I'vr never seen anything like it.








Bryan


----------



## katz (Mar 20, 2008)

its obama.....just kidding.....:letsdrink


----------



## HighCotton (Oct 2, 2007)

Caribbean Thumb Cruncher .... Can be very dangerous!!!


----------



## John B. (Oct 2, 2007)

toad fish.


----------



## jaredtyler05 (Oct 28, 2008)

> *katz (11/6/2008)*its obama.....just kidding.....:letsdrink




That made me laugh


----------



## Five Prongs Of Fury (Apr 15, 2008)

Its an ugly one whatever it is!!!


----------



## sealark (Sep 27, 2007)

It's a dogfish beleive it or not there good eating..


----------



## Chris V (Oct 18, 2007)

Its a leopard toadfish. Watch out for the first 2 spines of the dorsal fin, they are mildly poisonous.Dogfish are sharks


----------



## redfish maniac (Jul 19, 2008)

I was told years ago that those were called "Oyster Fish" and not to put your fingers inside the mouth, as they could really do some damage......(since they love to crack open and eat oysters).


----------



## bottomfisher01 (May 28, 2008)

> *katz (11/6/2008)*its obama.....just kidding.....:letsdrink


to pretty to be him:letsdrink:doh


----------



## Baitcaster (Oct 4, 2007)

I'd be too scared to bring him in my yak ! LOL


----------



## roofordie (Sep 24, 2008)

Dude who said that fish is good eating....dumbass. Before you respond to another anglers question you fellas should either 1-know what the hell you're talking about or 2- do some research before giving out this disinformation:nonono. What if someone else saw these reponses and ate this fish? dumbass.


----------



## roofordie (Sep 24, 2008)

The *oyster toadfish*, _Opsanus tau_, also known as the *ugly toad* or the *oyster cracker*, is a fish of the family Batrachoididae. The maximum length of the toadfish is about 38 cm; the most common recorded length of an oyster toadfish is about 30 cm. They are generally yellowish with a pattern of brown oblique bars.
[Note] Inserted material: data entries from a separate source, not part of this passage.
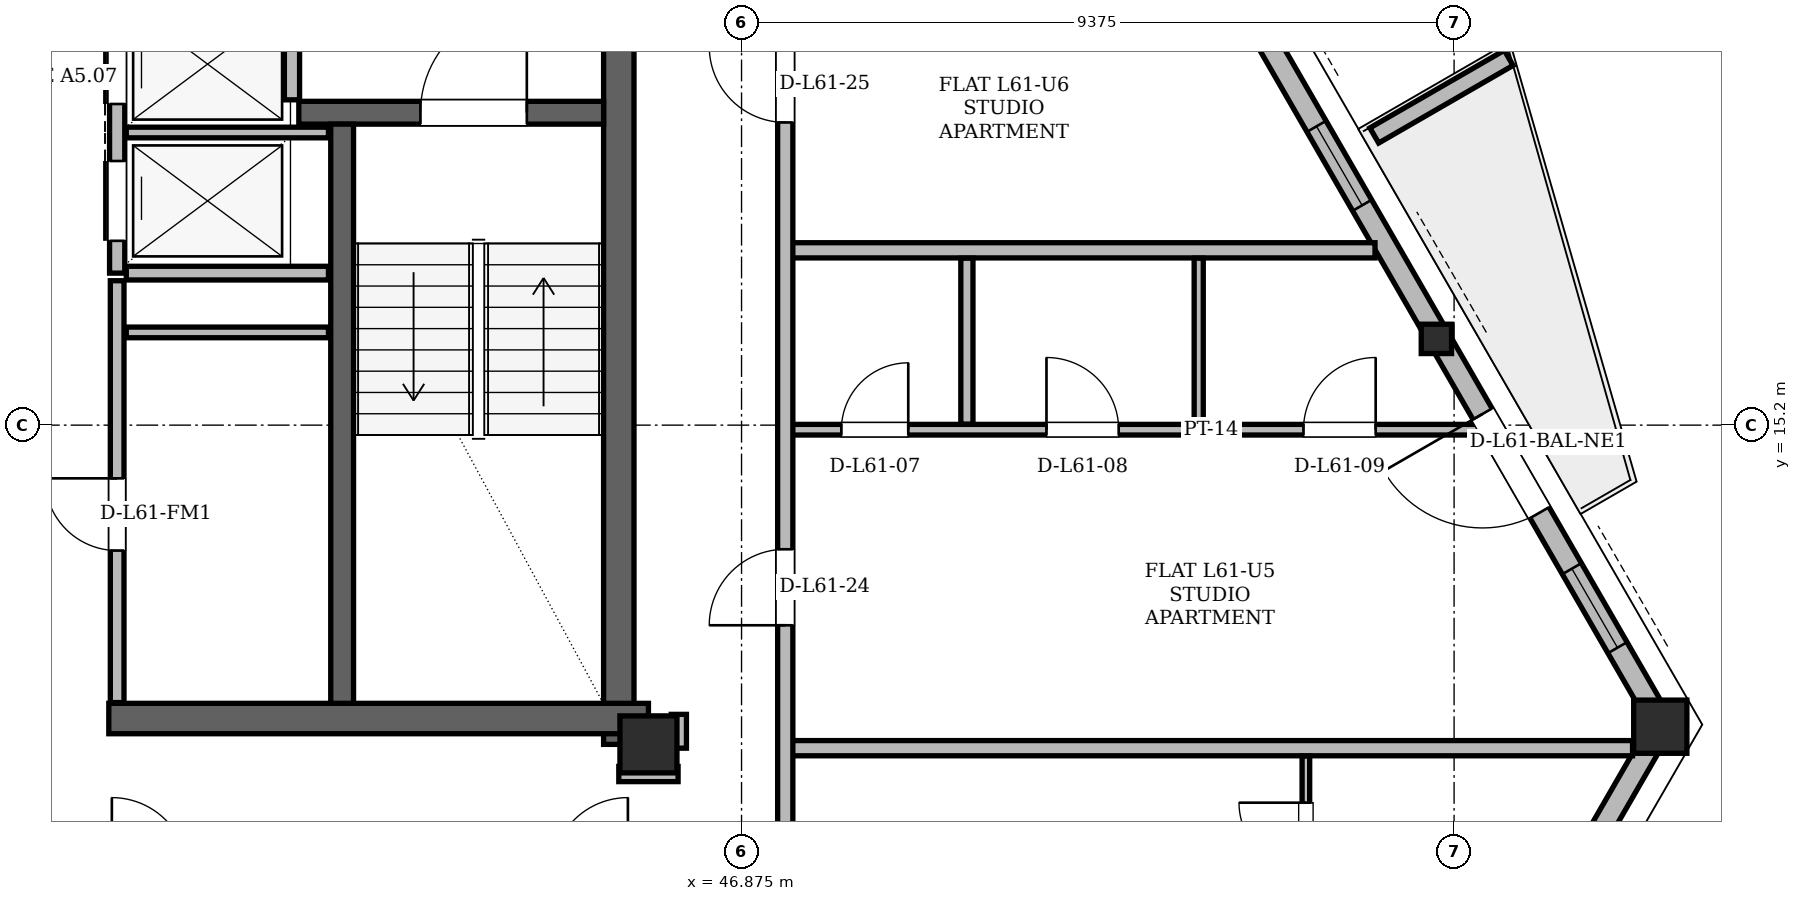
"""IFC4 building model, lengths in metres.
Left out: names, types, materials, properties, quantities, classifications, styles, units other than length and angle.
Written with IfcOpenShell. Run it as: python <this file> out.ifc"""

import sys

from ifc_helpers import new_model, si_unit, direction, frame, frame_2d, origin, origin_2d, place, context, subcontext, project, spatial, polyline, rectangle, hollow_rectangle, i_section, outline, extrude, element, fill, save


model = new_model("IFC4")
c1 = context("Model", 3, precision=1e-05, world=origin(), true_north=direction((0.0, 1.0)))
c2 = subcontext(c1, "Body", "Model", "MODEL_VIEW")
j1 = project(units=[si_unit("LENGTHUNIT", "METRE"), si_unit("PLANEANGLEUNIT", "RADIAN")], contexts=[c1])
p1 = place(None, origin())
s1 = spatial("IfcSite", under=j1, at=p1, CompositionType="ELEMENT")
p2 = place(p1, origin())
s2 = spatial("IfcBuilding", under=s1, at=p2, CompositionType="ELEMENT")
p3 = place(p2, frame((0.0, 0.0, 230.7)))
s3 = spatial("IfcBuildingStorey", under=s2, at=p3, CompositionType="ELEMENT", Elevation=230.7)
p4 = place(p3, frame((45.65, 11.0, 0.0), z_axis=(0.0, 0.0, 1.0), x_axis=(1.0, 0.0, 0.0)))
e1 = element("IfcColumn", 1, at=p4, inside=s3, PredefinedType="COLUMN", context=c2, shape_type="SweptSolid", body=[
    extrude(hollow_rectangle(XDim=0.75, YDim=0.75, WallThickness=0.06, at=origin_2d()), origin(), (0.0, 0.0, 1.0), 3.6),
])
p5 = place(p3, frame((58.984, 11.26, 0.005), z_axis=(-0.011828072594, -0.015362898887, 0.99981202135), x_axis=(0.792363245136, -0.610049578114, 0.0)))
e2 = element("IfcColumn", 2, at=p5, inside=s3, PredefinedType="COLUMN", context=c2, shape_type="SweptSolid", body=[
    extrude(hollow_rectangle(XDim=0.7, YDim=0.7, WallThickness=0.055, at=origin_2d()), origin(), (0.0, 0.0, 1.0), 3.592),
])
p6 = place(p3, frame((56.041, 16.359, 0.005), z_axis=(-0.012983894256, -0.013255808272, 0.999827836198), x_axis=(0.714395955768, -0.699741679752, 0.0)))
e3 = element("IfcColumn", 3, at=p6, inside=s3, PredefinedType="COLUMN", context=c2, shape_type="SweptSolid", body=[
    extrude(i_section(OverallWidth=0.399, OverallDepth=0.386, WebThickness=0.021, FlangeThickness=0.033, at=origin_2d()), origin(), (0.0, 0.0, 1.0), 3.592),
])
p7 = place(p3, frame((45.26, 11.0, 0.0), z_axis=(0.0, 0.0, 1.0), x_axis=(0.0, 1.0, 0.0)))
e4 = element("IfcWall", 4, at=p7, inside=s3, PredefinedType="SHEAR", context=c2, shape_type="SweptSolid", body=[
    extrude(rectangle(XDim=13.3, YDim=0.4, at=frame_2d((6.65, 0.0))), origin(), (0.0, 0.0, 1.0), 3.38),
])
p8 = place(p3, frame((38.55, 11.34, 0.0), z_axis=(0.0, 0.0, 1.0), x_axis=(1.0, 0.0, 0.0)))
e5 = element("IfcWall", 5, at=p8, inside=s3, PredefinedType="SHEAR", context=c2, shape_type="SweptSolid", body=[
    extrude(rectangle(XDim=7.1, YDim=0.4, at=frame_2d((3.55, 0.0))), origin(), (0.0, 0.0, 1.0), 3.38),
])
p9 = place(p3, frame((41.05, 19.31, 0.0), z_axis=(0.0, 0.0, 1.0), x_axis=(1.0, 0.0, 0.0)))
e6 = element("IfcWall", 6, at=p9, inside=s3, PredefinedType="SHEAR", context=c2, shape_type="SweptSolid", body=[
    extrude(rectangle(XDim=4.01, YDim=0.3, at=frame_2d((2.005, 0.0))), origin(), (0.0, 0.0, 1.0), 3.38),
])
p10 = place(p9, frame((1.6, 0.0, 0.0)))
e7 = element("IfcOpeningElement", 7, at=p10, cuts=e6, PredefinedType="OPENING", context=c2, shape_type="SweptSolid", body=[
    extrude(rectangle(XDim=1.4, YDim=2.2, at=frame_2d((0.7, 1.1))), frame((0.0, 0.15, 0.0), z_axis=(0.0, -1.0, 0.0), x_axis=(1.0, 0.0, 0.0)), (0.0, 0.0, 1.0), 0.3),
])
p11 = place(p3, frame((41.62, 11.54, 0.0), z_axis=(0.0, 0.0, 1.0), x_axis=(0.0, 1.0, 0.0)))
e8 = element("IfcWall", 8, at=p11, inside=s3, PredefinedType="SHEAR", context=c2, shape_type="SweptSolid", body=[
    extrude(rectangle(XDim=7.62, YDim=0.3, at=frame_2d((3.81, 0.0))), origin(), (0.0, 0.0, 1.0), 3.38),
])
p12 = place(p3, frame((55.898, 5.914, 0.0), z_axis=(0.0, 0.0, 1.0), x_axis=(0.49997579017, 0.866039380885, 0.0)))
e9 = element("IfcWall", 9, at=p12, inside=s3, PredefinedType="SOLIDWALL", context=c2, shape_type="SweptSolid", body=[
    extrude(rectangle(XDim=6.173, YDim=0.29, at=frame_2d((3.086, 0.0))), origin(), (0.0, 0.0, 1.0), 2.677),
])
p13 = place(p3, frame((58.984, 11.26, 0.0), z_axis=(0.0, 0.0, 1.0), x_axis=(-0.50000331183, 0.86602349169, 0.0)))
e10 = element("IfcWall", 10, at=p13, inside=s3, PredefinedType="SOLIDWALL", context=c2, shape_type="SweptSolid", body=[
    extrude(rectangle(XDim=36.795, YDim=0.29, at=frame_2d((18.397, 0.0))), origin(), (0.0, 0.0, 1.0), 2.677),
])
p14 = place(p13, frame((3.219, 0.0, 0.0)))
e11 = element("IfcOpeningElement", 11, at=p14, cuts=e10, PredefinedType="OPENING", context=c2, shape_type="SweptSolid", body=[
    extrude(rectangle(XDim=1.5, YDim=2.2, at=frame_2d((0.75, 1.1))), frame((0.0, 0.145, 0.0), z_axis=(0.0, -1.0, 0.0), x_axis=(1.0, 0.0, 0.0)), (0.0, 0.0, 1.0), 0.29),
])
p15 = place(p13, frame((27.151, 0.0, 0.0)))
e12 = element("IfcOpeningElement", 12, at=p15, cuts=e10, PredefinedType="OPENING", context=c2, shape_type="SweptSolid", body=[
    extrude(rectangle(XDim=1.3, YDim=2.2, at=frame_2d((0.65, 1.1))), frame((0.0, 0.145, 0.0), z_axis=(0.0, -1.0, 0.0), x_axis=(1.0, 0.0, 0.0)), (0.0, 0.0, 1.0), 0.29),
])
p16 = place(p13, frame((1.169, 0.0, 0.85)))
e13 = element("IfcOpeningElement", 13, at=p16, cuts=e10, PredefinedType="OPENING", context=c2, shape_type="SweptSolid", body=[
    extrude(rectangle(XDim=1.2, YDim=1.48, at=frame_2d((0.6, 0.74))), frame((0.0, 0.145, 0.0), z_axis=(0.0, -1.0, 0.0), x_axis=(1.0, 0.0, 0.0)), (0.0, 0.0, 1.0), 0.29),
])
p17 = place(p13, frame((7.888, 0.0, 0.85)))
e14 = element("IfcOpeningElement", 14, at=p17, cuts=e10, PredefinedType="OPENING", context=c2, shape_type="SweptSolid", body=[
    extrude(rectangle(XDim=1.2, YDim=1.48, at=frame_2d((0.6, 0.74))), frame((0.0, 0.145, 0.0), z_axis=(0.0, -1.0, 0.0), x_axis=(1.0, 0.0, 0.0)), (0.0, 0.0, 1.0), 0.29),
])
p18 = place(p13, frame((32.464, 0.0, 0.85)))
e15 = element("IfcOpeningElement", 15, at=p18, cuts=e10, PredefinedType="OPENING", context=c2, shape_type="SweptSolid", body=[
    extrude(rectangle(XDim=1.2, YDim=1.48, at=frame_2d((0.6, 0.74))), frame((0.0, 0.145, 0.0), z_axis=(0.0, -1.0, 0.0), x_axis=(1.0, 0.0, 0.0)), (0.0, 0.0, 1.0), 0.29),
])
p19 = place(p13, frame((16.904, 0.0, 0.85)))
e16 = element("IfcOpeningElement", 16, at=p19, cuts=e10, PredefinedType="OPENING", context=c2, shape_type="SweptSolid", body=[
    extrude(rectangle(XDim=2.0, YDim=1.717, at=frame_2d((1.0, 0.858))), frame((0.0, 0.145, 0.0), z_axis=(0.0, -1.0, 0.0), x_axis=(1.0, 0.0, 0.0)), (0.0, 0.0, 1.0), 0.29),
])
p20 = place(p13, frame((23.036, 0.0, 0.85)))
e17 = element("IfcOpeningElement", 17, at=p20, cuts=e10, PredefinedType="OPENING", context=c2, shape_type="SweptSolid", body=[
    extrude(rectangle(XDim=1.4, YDim=1.6, at=frame_2d((0.7, 0.8))), frame((0.0, 0.145, 0.0), z_axis=(0.0, -1.0, 0.0), x_axis=(1.0, 0.0, 0.0)), (0.0, 0.0, 1.0), 0.29),
])
p21 = place(p3, frame((55.2, 19.011, 0.0), z_axis=(0.0, 0.0, 1.0), x_axis=(0.866042246008, 0.499970827278, 0.0)))
e18 = element("IfcWall", 18, at=p21, inside=s3, PredefinedType="PARAPET", context=c2, shape_type="SweptSolid", body=[
    extrude(outline(polyline([(0.0, 0.0), (2.042, 0.0), (2.042, 1.1), (0.0, 1.32), (0.0, 0.0)])), frame((0.0, 0.115, 0.0), z_axis=(0.0, -1.0, 0.0), x_axis=(1.0, 0.0, 0.0)), (0.0, 0.0, 1.0), 0.23),
])
p22 = place(p3, frame((40.96, 19.48, 0.0), z_axis=(0.0, 0.0, 1.0), x_axis=(0.0, 1.0, 0.0)))
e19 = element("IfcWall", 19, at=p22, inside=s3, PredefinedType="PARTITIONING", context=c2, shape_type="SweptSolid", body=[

The species can live in very bad conditions and needs little food to live. It is an omnivore. Common prey include crustaceans, mollusks, amphipods, squid, and other smaller fish. Toadfish rely upon camouflage to catch their food; they lie motionless waiting for prey to wander close by, then attack by surprise.They also have been known to bite off toes of unsuspecting swimmers. They can be found anywhere from Maine to the Caribbean Sea.<DIV class="thumb tleft"><DIV class=thumbinner style="WIDTH: 202px"> <DIV class=thumbcaption><DIV class=magnify></DIV>Oyster toadfish</DIV></DIV></DIV>

The fish has a distinctive "foghorn" sound that is used by males to attract females in the mating season, which is April-October. Following the foghorn sound, the female comes into the nest, lays eggs, then leaves (the toadfish lays the largest eggs of any Chesapeake Bay fish). The male fertilizes the egg; they hatch after approximately one month. When the eggs hatch the young toadfish stay attached to the yolk for some time. When the yolk has been absorbed for energy, the young toadfish learn to swim. Even when the young have started to swim the adult still protects its young.


----------



## Sailor612 (Oct 3, 2007)

Toadfish is correct! And from what i've heard, and research i've done in the past...the do have poisonous spines on their dorsal, it can cause a painful "sting."

They hide VERY!! well around rocks, andother sturcture.

I don't rememberreading anything regarding "foghorn" mating calls...very interesting though!!!


----------



## sealark (Sep 27, 2007)

> *roofordie (11/8/2008)*Dude who said that fish is good eating....dumbass. Before you respond to another anglers question you fellas should either 1-know what the hell you're talking about or 2- do some research before giving out this disinformation:nonono. What if someone else saw these reponses and ate this fish? dumbass.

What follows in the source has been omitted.